|  | Ein großes Problem für kritische JuristInnen in Deutschland ist, dass 
        kritische Rechtstheorie - wie so ziemlich jede Form des Über-den-Tellerrand-Blickens 
        - in der täglichen Ausbildung der Freischuss-JuristInnen an den Universitäten 
        kaum eine Rolle spielt - Einrichtungen wie etwa der Lehrstuhl von Prof. 
        Susanne Baer, die an der Humboldt-Universität Öffentliches Recht und Geschlechterstudien 
        unterrichtet,1 sind in Deutschland eher Ausnahmeerscheinungen.Interessanterweise ist dies in den Vereinigten Staaten, wo die Jura-Ausbildung 
        noch kürzer und konkurrenzträchtiger ist - das Studium an der law school 
        dauert drei Jahre, die Jagd nach den ersten Stellen beginnt meist schon 
        im zweiten Jahr - anders: Zwar kann mensch das Jura-Studium absolvieren, 
        ohne sich je mit den Critical Approaches to the Law beschäftigt zu haben, 
        jedenfalls aber gehören Veranstaltungen, die das Recht kritisch hinterfragen 
        und im Zusammenhang mit Klassen-, Gender- und Race2-Fragen beleuchten, 
        ganz selbstverständlich zum Kurrikulum an fast allen amerikanischen Universitäten, 
        und in amerikanischen Fachzeitschriften sind regelmäßig kritische Aufsätze 
        zu diesen und ähnlichen Themen zu lesen.
 Im Folgenden werde ich einen kursorischen Überblick über die Entwicklung 
        der Critical Approaches und die verschiedenen "Schulen" geben und einige 
        Spekulationen anstellen, wieso die kritische Beschäftigung mit dem Recht 
        in den Vereinigten Staaten so viel verbreiteter zu sein scheint als in 
        Deutschland.

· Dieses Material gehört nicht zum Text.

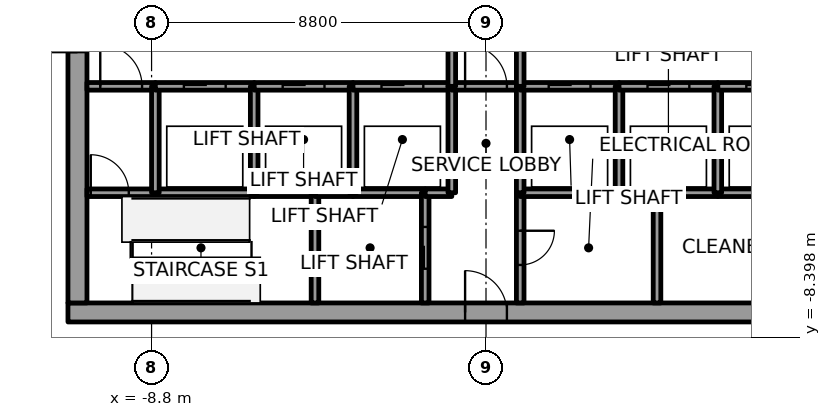
"""IFC4 building model, lengths in metres.
Left out: names, types, materials, properties, quantities, classifications, styles, units other than length and angle.
Written with IfcOpenShell. Run it as: python <this file> out.ifc"""

import sys

from ifc_helpers import new_model, si_unit, direction, frame, frame_2d, origin, place, context, subcontext, project, spatial, rectangle, extrude, element, fill, save


model = new_model("IFC4")
c1 = context("Model", 3, precision=1e-05, world=origin(), true_north=direction((0.0, 1.0)))
c2 = subcontext(c1, "Body", "Model", "MODEL_VIEW")
j1 = project(units=[si_unit("LENGTHUNIT", "METRE"), si_unit("PLANEANGLEUNIT", "RADIAN")], contexts=[c1])
p1 = place(None, origin())
s1 = spatial("IfcSite", under=j1, at=p1, CompositionType="ELEMENT")
p2 = place(p1, origin())
s2 = spatial("IfcBuilding", under=s1, at=p2, CompositionType="ELEMENT")
p3 = place(p2, frame((0.0, 0.0, 161.8)))
s3 = spatial("IfcBuildingStorey", under=s2, at=p3, CompositionType="ELEMENT", Elevation=161.8)
p4 = place(p3, frame((-11.0, -7.75, 0.0), z_axis=(0.0, 0.0, 1.0), x_axis=(1.0, 0.0, 0.0)))
e1 = element("IfcWall", 1, at=p4, inside=s3, PredefinedType="SHEAR", context=c2, shape_type="SweptSolid", body=[
    extrude(rectangle(XDim=22.0, YDim=0.5, at=frame_2d((11.0, 0.0))), origin(), (0.0, 0.0, 1.0), 4.0),
])
p5 = place(p4, frame((10.45, 0.0, 0.0)))
e2 = element("IfcOpeningElement", 2, at=p5, cuts=e1, PredefinedType="OPENING", context=c2, shape_type="SweptSolid", body=[
    extrude(rectangle(XDim=1.1, YDim=2.1, at=frame_2d((0.55, 1.05))), frame((0.0, 0.25, 0.0), z_axis=(0.0, -1.0, 0.0), x_axis=(1.0, 0.0, 0.0)), (0.0, 0.0, 1.0), 0.5),
])
p6 = place(p3, frame((-10.75, -7.5, 0.0), z_axis=(0.0, 0.0, 1.0), x_axis=(0.0, 1.0, 0.0)))
e3 = element("IfcWall", 3, at=p6, inside=s3, PredefinedType="SHEAR", context=c2, shape_type="SweptSolid", body=[
    extrude(rectangle(XDim=15.0, YDim=0.5, at=frame_2d((7.5, 0.0))), origin(), (0.0, 0.0, 1.0), 4.0),
])
p7 = place(p6, frame((6.6, 0.0, 0.0)))
e4 = element("IfcOpeningElement", 4, at=p7, cuts=e3, PredefinedType="OPENING", context=c2, shape_type="SweptSolid", body=[
    extrude(rectangle(XDim=1.8, YDim=2.1, at=frame_2d((0.9, 1.05))), frame((0.0, 0.25, 0.0), z_axis=(0.0, -1.0, 0.0), x_axis=(1.0, 0.0, 0.0)), (0.0, 0.0, 1.0), 0.5),
])
p8 = place(p3, frame((-10.5, -4.6, 0.0), z_axis=(0.0, 0.0, 1.0), x_axis=(1.0, 0.0, 0.0)))
e5 = element("IfcWall", 5, at=p8, inside=s3, PredefinedType="SOLIDWALL", context=c2, shape_type="SweptSolid", body=[
    extrude(rectangle(XDim=1.8, YDim=0.2, at=frame_2d((0.9, 0.0))), origin(), (0.0, 0.0, 1.0), 3.85),
])
p9 = place(p8, frame((0.1, 0.0, 0.0)))
e6 = element("IfcOpeningElement", 6, at=p9, cuts=e5, PredefinedType="OPENING", context=c2, shape_type="SweptSolid", body=[
    extrude(rectangle(XDim=1.0, YDim=2.1, at=frame_2d((0.5, 1.05))), frame((0.0, 0.1, 0.0), z_axis=(0.0, -1.0, 0.0), x_axis=(1.0, 0.0, 0.0)), (0.0, 0.0, 1.0), 0.2),
])
p10 = place(p3, frame((-10.5, -1.8, 0.0), z_axis=(0.0, 0.0, 1.0), x_axis=(1.0, 0.0, 0.0)))
e7 = element("IfcWall", 7, at=p10, inside=s3, PredefinedType="SOLIDWALL", context=c2, shape_type="SweptSolid", body=[
    extrude(rectangle(XDim=1.8, YDim=0.2, at=frame_2d((0.9, 0.0))), origin(), (0.0, 0.0, 1.0), 3.85),
])
p11 = place(p10, frame((0.35, 0.0, 0.0)))
e8 = element("IfcOpeningElement", 8, at=p11, cuts=e7, PredefinedType="OPENING", context=c2, shape_type="SweptSolid", body=[
    extrude(rectangle(XDim=1.1, YDim=2.1, at=frame_2d((0.55, 1.05))), frame((0.0, 0.1, 0.0), z_axis=(0.0, -1.0, 0.0), x_axis=(1.0, 0.0, 0.0)), (0.0, 0.0, 1.0), 0.2),
])
p12 = place(p3, frame((-8.7, -4.6, 0.0), z_axis=(0.0, 0.0, 1.0), x_axis=(1.0, 0.0, 0.0)))
e9 = element("IfcWall", 9, at=p12, inside=s3, PredefinedType="SOLIDWALL", context=c2, shape_type="SweptSolid", body=[
    extrude(rectangle(XDim=2.6, YDim=0.2, at=frame_2d((1.3, 0.0))), origin(), (0.0, 0.0, 1.0), 3.85),
])
p13 = place(p3, frame((-8.7, -4.6, 0.0), z_axis=(0.0, 0.0, 1.0), x_axis=(0.0, 1.0, 0.0)))
e10 = element("IfcWall", 10, at=p13, inside=s3, PredefinedType="SOLIDWALL", context=c2, shape_type="SweptSolid", body=[
    extrude(rectangle(XDim=2.8, YDim=0.2, at=frame_2d((1.4, 0.0))), origin(), (0.0, 0.0, 1.0), 3.85),
])
p14 = place(p3, frame((-8.7, -1.8, 0.0), z_axis=(0.0, 0.0, 1.0), x_axis=(1.0, 0.0, 0.0)))
e11 = element("IfcWall", 11, at=p14, inside=s3, PredefinedType="SOLIDWALL", context=c2, shape_type="SweptSolid", body=[
    extrude(rectangle(XDim=2.6, YDim=0.2, at=frame_2d((1.3, 0.0))), origin(), (0.0, 0.0, 1.0), 3.85),
])
p15 = place(p14, frame((0.75, 0.0, 0.0)))
e12 = element("IfcOpeningElement", 12, at=p15, cuts=e11, PredefinedType="OPENING", context=c2, shape_type="SweptSolid", body=[
    extrude(rectangle(XDim=1.1, YDim=2.1, at=frame_2d((0.55, 1.05))), frame((0.0, 0.1, 0.0), z_axis=(0.0, -1.0, 0.0), x_axis=(1.0, 0.0, 0.0)), (0.0, 0.0, 1.0), 0.2),
])
p16 = place(p3, frame((-6.1, -4.6, 0.0), z_axis=(0.0, 0.0, 1.0), x_axis=(1.0, 0.0, 0.0)))
e13 = element("IfcWall", 13, at=p16, inside=s3, PredefinedType="SOLIDWALL", context=c2, shape_type="SweptSolid", body=[
    extrude(rectangle(XDim=1.6, YDim=0.2, at=frame_2d((0.8, 0.0))), origin(), (0.0, 0.0, 1.0), 3.85),
])
p17 = place(p3, frame((-6.1, -4.6, 0.0), z_axis=(0.0, 0.0, 1.0), x_axis=(0.0, 1.0, 0.0)))
e14 = element("IfcWall", 14, at=p17, inside=s3, PredefinedType="SOLIDWALL", context=c2, shape_type="SweptSolid", body=[
    extrude(rectangle(XDim=2.8, YDim=0.2, at=frame_2d((1.4, 0.0))), origin(), (0.0, 0.0, 1.0), 3.85),
])
p18 = place(p3, frame((-6.1, -1.8, 0.0), z_axis=(0.0, 0.0, 1.0), x_axis=(1.0, 0.0, 0.0)))
e15 = element("IfcWall", 15, at=p18, inside=s3, PredefinedType="SOLIDWALL", context=c2, shape_type="SweptSolid", body=[
    extrude(rectangle(XDim=2.6, YDim=0.2, at=frame_2d((1.3, 0.0))), origin(), (0.0, 0.0, 1.0), 3.85),
])
p19 = place(p18, frame((0.75, 0.0, 0.0)))
e16 = element("IfcOpeningElement", 16, at=p19, cuts=e15, PredefinedType="OPENING", context=c2, shape_type="SweptSolid", body=[
    extrude(rectangle(XDim=1.1, YDim=2.1, at=frame_2d((0.55, 1.05))), frame((0.0, 0.1, 0.0), z_axis=(0.0, -1.0, 0.0), x_axis=(1.0, 0.0, 0.0)), (0.0, 0.0, 1.0), 0.2),
])
p20 = place(p3, frame((-4.5, -4.6, 0.0), z_axis=(0.0, 0.0, 1.0), x_axis=(0.0, -1.0, 0.0)))
e17 = element("IfcWall", 17, at=p20, inside=s3, PredefinedType="SOLIDWALL", context=c2, shape_type="SweptSolid", body=[
    extrude(rectangle(XDim=2.9, YDim=0.2, at=frame_2d((1.45, 0.0))), origin(), (0.0, 0.0, 1.0), 3.85),
])
p21 = place(p3, frame((-4.5, -4.6, 0.0), z_axis=(0.0, 0.0, 1.0), x_axis=(1.0, 0.0, 0.0)))
e18 = element("IfcWall", 18, at=p21, inside=s3, PredefinedType="SOLIDWALL", context=c2, shape_type="SweptSolid", body=[
    extrude(rectangle(XDim=1.0, YDim=0.2, at=frame_2d((0.5, 0.0))), origin(), (0.0, 0.0, 1.0), 3.85),
])
p22 = place(p3, frame((-3.5, -4.6, 0.0), z_axis=(0.0, 0.0, 1.0), x_axis=(1.0, 0.0, 0.0)))
e19 = element("IfcWall", 19, at=p22, inside=s3, PredefinedType="SOLIDWALL", context=c2, shape_type="SweptSolid", body=[
    extrude(rectangle(XDim=1.9, YDim=0.2, at=frame_2d((0.95, 0.0))), origin(), (0.0, 0.0, 1.0), 3.85),
])
p23 = place(p3, frame((-3.5, -4.6, 0.0), z_axis=(0.0, 0.0, 1.0), x_axis=(0.0, 1.0, 0.0)))
e20 = element("IfcWall", 20, at=p23, inside=s3, PredefinedType="SOLIDWALL", context=c2, shape_type="SweptSolid", body=[
    extrude(rectangle(XDim=2.8, YDim=0.2, at=frame_2d((1.4, 0.0))), origin(), (0.0, 0.0, 1.0), 3.85),
])
p24 = place(p3, frame((-3.5, -1.8, 0.0), z_axis=(0.0, 0.0, 1.0), x_axis=(1.0, 0.0, 0.0)))
e21 = element("IfcWall", 21, at=p24, inside=s3, PredefinedType="SOLIDWALL", context=c2, shape_type="SweptSolid", body=[
    extrude(rectangle(XDim=2.6, YDim=0.2, at=frame_2d((1.3, 0.0))), origin(), (0.0, 0.0, 1.0), 3.85),
])
p25 = place(p24, frame((0.75, 0.0, 0.0)))
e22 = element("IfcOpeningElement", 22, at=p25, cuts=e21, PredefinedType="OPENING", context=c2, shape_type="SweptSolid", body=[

Ich hoffe, dass der Blick in die USA für kritische JuristInnen 
        hierzulande auch bei der Beschäftigung mit dem deutschen Recht hilfreich 
        sein und der Artikel insoweit als Schatzkarte für diejenigen dienen kann, 
        die an der einen oder anderen Stelle tiefer graben wollen.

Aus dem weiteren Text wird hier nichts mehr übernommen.